No substantial increase in revertant colony numbers of any of the five tester strains was observed following treatment with test item at any dose level applied, neither in the presence nor in the absence of metabolic activation (S9 mix).
In experiment II, without metabolic activation, the number of colonies did not quite reach the lower limit of our historical control data in strain TA 100 in the solvent control. Since the offset was rather small, this result is judged to be based upon fluctuations that may occur in biological systems but do not indicate an adverse effect of the test item.
Appropriate reference mutagens were used as positive controls. They showed a distinct increase of induced revertant colonies.

Applicant's summary and conclusion

Conclusions:
The test item did not induce gene mutations by base pair changes or frameshifts in the genome of the strains used.
Therefore, the test item is considered to be non-mutagenic in this Salmonella typhimurium and Escherichia coli reverse mutation assay.
Executive summary:

The test item was assessed for its potential to induce gene mutations in the plate incorporation test (experiment I) and the pre-incubation test (experiment II) using Salmonella typhimurium strains TA 1535, TA 1537, TA 98, and TA 100, and the Escherichia coli strain WP2 uvrA.

The assay was performed in two independent experiments both with and without liver microsomal activation according to OECD471. Each concentration and the controls were tested in triplicate. The test item was tested at the following concentrations:

Pre-Experiment/Experiment I: 3; 10; 33; 100; 333; 1000; 2500; and 5000 μg/plate

Experiment II: 33; 100; 333; 1000; 2500; and 5000 μg/plate

The plates incubated with the test item showed normal background growth up to 5000 μg/plate with and without S9 mix in both experiments.

A minor reduction in the number of revertants (below the indication factor of 0.5), was observed In strain WP2 uvrA at 5000 μg/plates in experiment I without S9 mix and in experiment II with S9 mix. No further toxic effects, evident as a reduction in the number of revertants (below the indication factor of 0.5), occurred in the test groups with and without metabolic activation.

No substantial increase in revertant colony numbers of any of the five tester strains was observed following treatment with test item at any dose level applied, neither in the presence nor in the absence of metabolic activation (S9 mix).

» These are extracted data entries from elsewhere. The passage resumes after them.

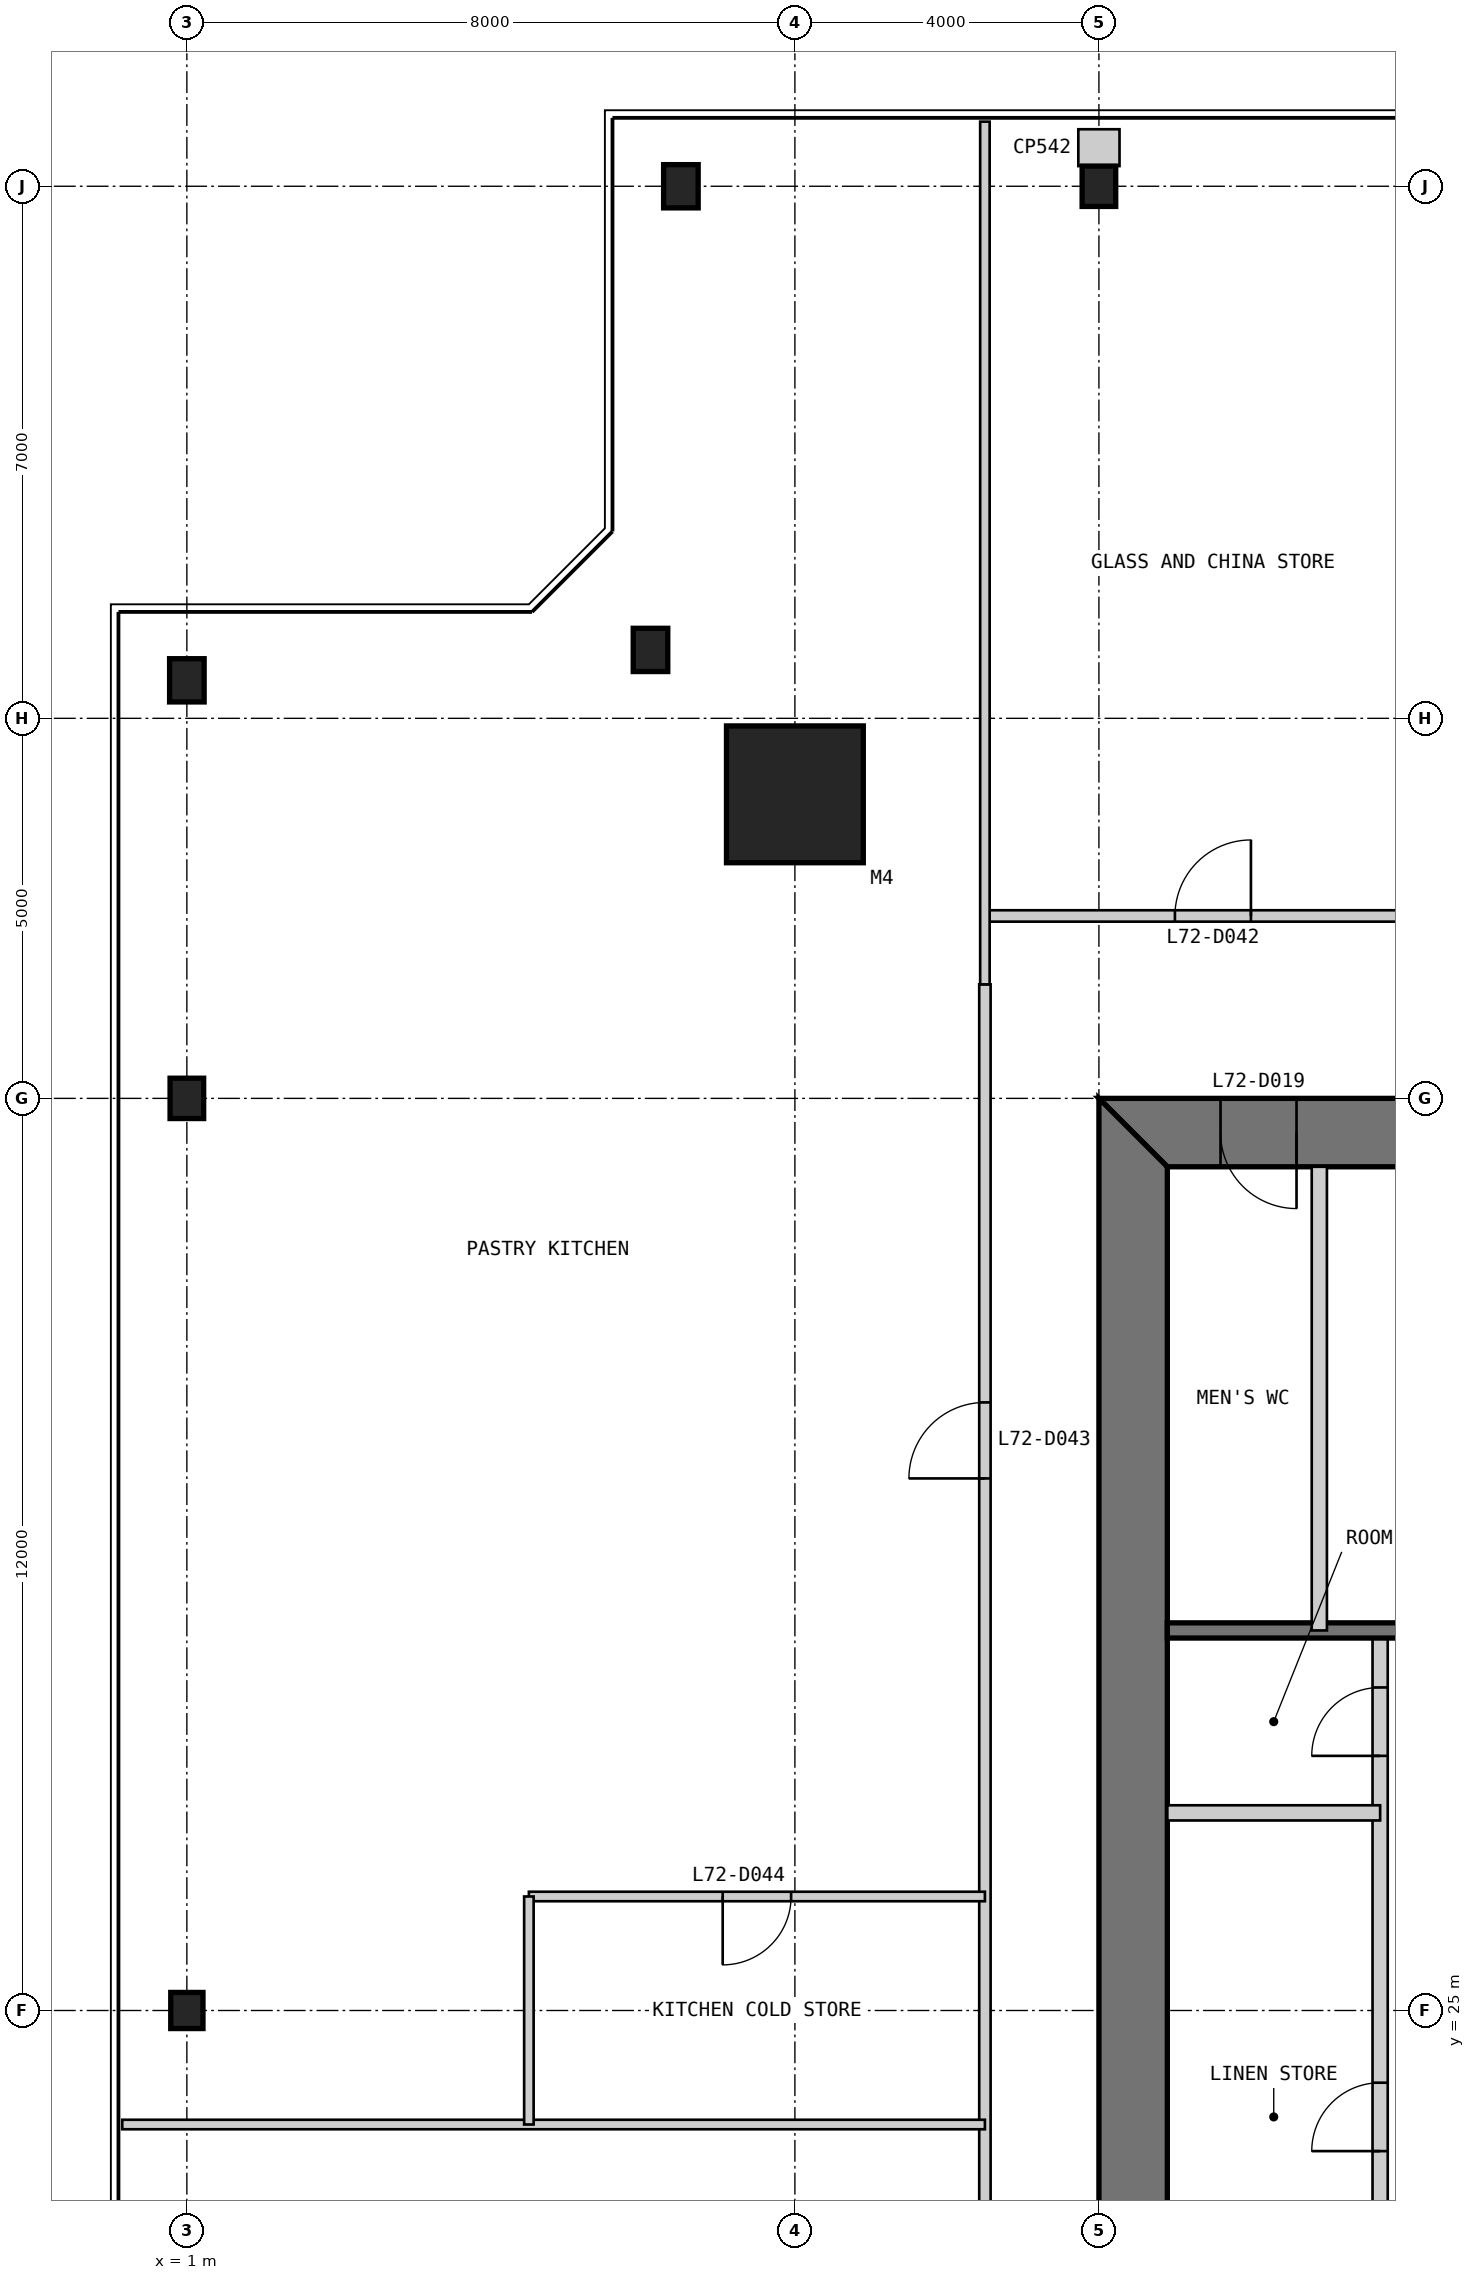
"""IFC4 building model, lengths in metres.
Left out: names, types, materials, properties, quantities, classifications, styles, units other than length and angle.
Written with IfcOpenShell. Run it as: python <this file> out.ifc"""

import sys

from ifc_helpers import new_model, si_unit, direction, frame, frame_2d, origin, origin_2d, place, context, subcontext, project, spatial, polyline, rectangle, i_section, outline, extrude, element, fill, save


model = new_model("IFC4")
c1 = context("Model", 3, precision=1e-05, world=origin(), true_north=direction((0.0, 1.0)))
c2 = subcontext(c1, "Body", "Model", "MODEL_VIEW")
j1 = project(units=[si_unit("LENGTHUNIT", "METRE"), si_unit("PLANEANGLEUNIT", "RADIAN")], contexts=[c1])
p1 = place(None, origin())
s1 = spatial("IfcSite", under=j1, at=p1, CompositionType="ELEMENT")
p2 = place(p1, origin())
s2 = spatial("IfcBuilding", under=s1, at=p2, CompositionType="ELEMENT")
p3 = place(p2, frame((0.0, 0.0, 296.8)))
s3 = spatial("IfcBuildingStorey", under=s2, at=p3, CompositionType="ELEMENT", Elevation=296.8)
p4 = place(p3, frame((9.0, 41.0, 0.0), z_axis=(0.0, 0.0, 1.0), x_axis=(1.0, 0.0, 0.0)))
e1 = element("IfcColumn", 1, at=p4, inside=s3, PredefinedType="COLUMN", context=c2, shape_type="SweptSolid", body=[
    extrude(rectangle(XDim=1.8, YDim=1.8, at=origin_2d()), origin(), (0.0, 0.0, 1.0), 5.0),
])
p5 = place(p3, frame((13.0, 49.0, 0.0), z_axis=(0.0, 0.0, 1.0), x_axis=(1.0, 0.0, 0.0)))
e2 = element("IfcColumn", 2, at=p5, inside=s3, PredefinedType="COLUMN", context=c2, shape_type="SweptSolid", body=[
    extrude(i_section(OverallWidth=0.442, OverallDepth=0.531, WebThickness=0.066, FlangeThickness=0.106, at=origin_2d()), origin(), (0.0, 0.0, 1.0), 5.0),
])
for number, where, z_axis, x_axis in (
    (3, (7.5, 49.0, 0.0), (0.0, 0.0, 1.0), (1.0, 0.0, 0.0)),
    (4, (7.1, 42.9, 0.0), (0.0, 0.0, 1.0), (1.0, 0.0, 0.0)),
    (5, (1.0, 42.5, 0.0), (0.0, 0.0, 1.0), (1.0, 0.0, 0.0)),
):
    element("IfcColumn", number, at=place(p3, frame(where, z_axis=z_axis, x_axis=x_axis)), inside=s3, PredefinedType="COLUMN", context=c2, shape_type="SweptSolid", body=[
        extrude(i_section(OverallWidth=0.455, OverallDepth=0.569, WebThickness=0.078, FlangeThickness=0.125, at=origin_2d()), origin(), (0.0, 0.0, 1.0), 5.0),
    ])
p6 = place(p3, frame((1.0, 37.0, 0.0), z_axis=(0.0, 0.0, 1.0), x_axis=(1.0, 0.0, 0.0)))
e6 = element("IfcColumn", 6, at=p6, inside=s3, PredefinedType="COLUMN", context=c2, shape_type="SweptSolid", body=[
    extrude(i_section(OverallWidth=0.442, OverallDepth=0.531, WebThickness=0.066, FlangeThickness=0.106, at=origin_2d()), origin(), (0.0, 0.0, 1.0), 5.0),
])
p7 = place(p3, frame((1.0, 25.0, 0.0), z_axis=(0.0, 0.0, 1.0), x_axis=(1.0, 0.0, 0.0)))
e7 = element("IfcColumn", 7, at=p7, inside=s3, PredefinedType="COLUMN", context=c2, shape_type="SweptSolid", body=[
    extrude(i_section(OverallWidth=0.424, OverallDepth=0.475, WebThickness=0.048, FlangeThickness=0.077, at=origin_2d()), origin(), (0.0, 0.0, 1.0), 5.0),
])
p8 = place(p3, frame((37.0, 36.55, 0.0), z_axis=(0.0, 0.0, 1.0), x_axis=(-1.0, 0.0, 0.0)))
e8 = element("IfcWall", 8, at=p8, inside=s3, PredefinedType="SHEAR", context=c2, shape_type="SweptSolid", body=[
    extrude(outline(polyline([(0.0, -0.45), (24.0, -0.45), (23.1, 0.45), (0.9, 0.45), (0.0, -0.45)])), origin(), (0.0, 0.0, 1.0), 5.0),
])
p9 = place(p8, frame((4.9, 0.0, 0.0)))
e9 = element("IfcOpeningElement", 9, at=p9, cuts=e8, PredefinedType="OPENING", context=c2, shape_type="SweptSolid", body=[
    extrude(rectangle(XDim=1.0, YDim=2.2, at=frame_2d((0.5, 1.1))), frame((0.0, 0.46, 0.0), z_axis=(0.0, -1.0, 0.0), x_axis=(1.0, 0.0, 0.0)), (0.0, 0.0, 1.0), 0.92),
])
p10 = place(p8, frame((8.9, 0.0, 0.0)))
e10 = element("IfcOpeningElement", 10, at=p10, cuts=e8, PredefinedType="OPENING", context=c2, shape_type="SweptSolid", body=[
    extrude(rectangle(XDim=1.1, YDim=2.2, at=frame_2d((0.55, 1.1))), frame((0.0, 0.46, 0.0), z_axis=(0.0, -1.0, 0.0), x_axis=(1.0, 0.0, 0.0)), (0.0, 0.0, 1.0), 0.92),
])
p11 = place(p8, frame((15.05, 0.0, 0.0)))
e11 = element("IfcOpeningElement", 11, at=p11, cuts=e8, PredefinedType="OPENING", context=c2, shape_type="SweptSolid", body=[
    extrude(rectangle(XDim=0.9, YDim=2.2, at=frame_2d((0.45, 1.1))), frame((0.0, 0.46, 0.0), z_axis=(0.0, -1.0, 0.0), x_axis=(1.0, 0.0, 0.0)), (0.0, 0.0, 1.0), 0.92),
])
p12 = place(p8, frame((17.9, 0.0, 0.0)))
e12 = element("IfcOpeningElement", 12, at=p12, cuts=e8, PredefinedType="OPENING", context=c2, shape_type="SweptSolid", body=[
    extrude(rectangle(XDim=1.0, YDim=2.2, at=frame_2d((0.5, 1.1))), frame((0.0, 0.46, 0.0), z_axis=(0.0, -1.0, 0.0), x_axis=(1.0, 0.0, 0.0)), (0.0, 0.0, 1.0), 0.92),
])
p13 = place(p8, frame((21.4, 0.0, 0.0)))
e13 = element("IfcOpeningElement", 13, at=p13, cuts=e8, PredefinedType="OPENING", context=c2, shape_type="SweptSolid", body=[
    extrude(rectangle(XDim=1.0, YDim=2.2, at=frame_2d((0.5, 1.1))), frame((0.0, 0.46, 0.0), z_axis=(0.0, -1.0, 0.0), x_axis=(1.0, 0.0, 0.0)), (0.0, 0.0, 1.0), 0.92),
])
p14 = place(p3, frame((13.45, 36.1, 0.0), z_axis=(0.0, 0.0, 1.0), x_axis=(0.0, -1.0, 0.0)))
e14 = element("IfcWall", 14, at=p14, inside=s3, PredefinedType="SHEAR", context=c2, shape_type="SweptSolid", body=[
    extrude(outline(polyline([(-0.9, -0.45), (23.1, -0.45), (22.2, 0.45), (0.0, 0.45), (-0.9, -0.45)])), origin(), (0.0, 0.0, 1.0), 5.0),
])
p15 = place(p14, frame((20.2, 0.0, 0.0)))
e15 = element("IfcOpeningElement", 15, at=p15, cuts=e14, PredefinedType="OPENING", context=c2, shape_type="SweptSolid", body=[
    extrude(rectangle(XDim=1.0, YDim=2.2, at=frame_2d((0.5, 1.1))), frame((0.0, 0.46, 0.0), z_axis=(0.0, -1.0, 0.0), x_axis=(1.0, 0.0, 0.0)), (0.0, 0.0, 1.0), 0.92),
])
p16 = place(p14, frame((17.25, 0.0, 0.0)))
e16 = element("IfcOpeningElement", 16, at=p16, cuts=e14, PredefinedType="OPENING", context=c2, shape_type="SweptSolid", body=[
    extrude(rectangle(XDim=0.9, YDim=2.2, at=frame_2d((0.45, 1.1))), frame((0.0, 0.46, 0.0), z_axis=(0.0, -1.0, 0.0), x_axis=(1.0, 0.0, 0.0)), (0.0, 0.0, 1.0), 0.92),
])
p17 = place(p3, frame((16.7, 13.9, 0.0), z_axis=(0.0, 0.0, 1.0), x_axis=(0.0, 1.0, 0.0)))
e17 = element("IfcWall", 17, at=p17, inside=s3, PredefinedType="PARTITIONING", context=c2, shape_type="SweptSolid", body=[
    extrude(rectangle(XDim=16.1, YDim=0.2, at=frame_2d((8.05, 0.0))), origin(), (0.0, 0.0, 1.0), 4.8),
])
p18 = place(p17, frame((9.25, 0.0, 0.0)))
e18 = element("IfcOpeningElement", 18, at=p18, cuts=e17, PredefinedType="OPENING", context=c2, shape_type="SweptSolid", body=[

Appropriate reference mutagens were used as positive controls. They showed a distinct increase of induced revertant colonies.

During the described mutagenicity test and under the experimental conditions reported, the test item did not induce gene mutations by base pair changes or frameshifts in the genome of the strains used.

Therefore, the test item is considered to be non-mutagenic in this Salmonella typhimurium and Escherichia coli reverse mutation assay.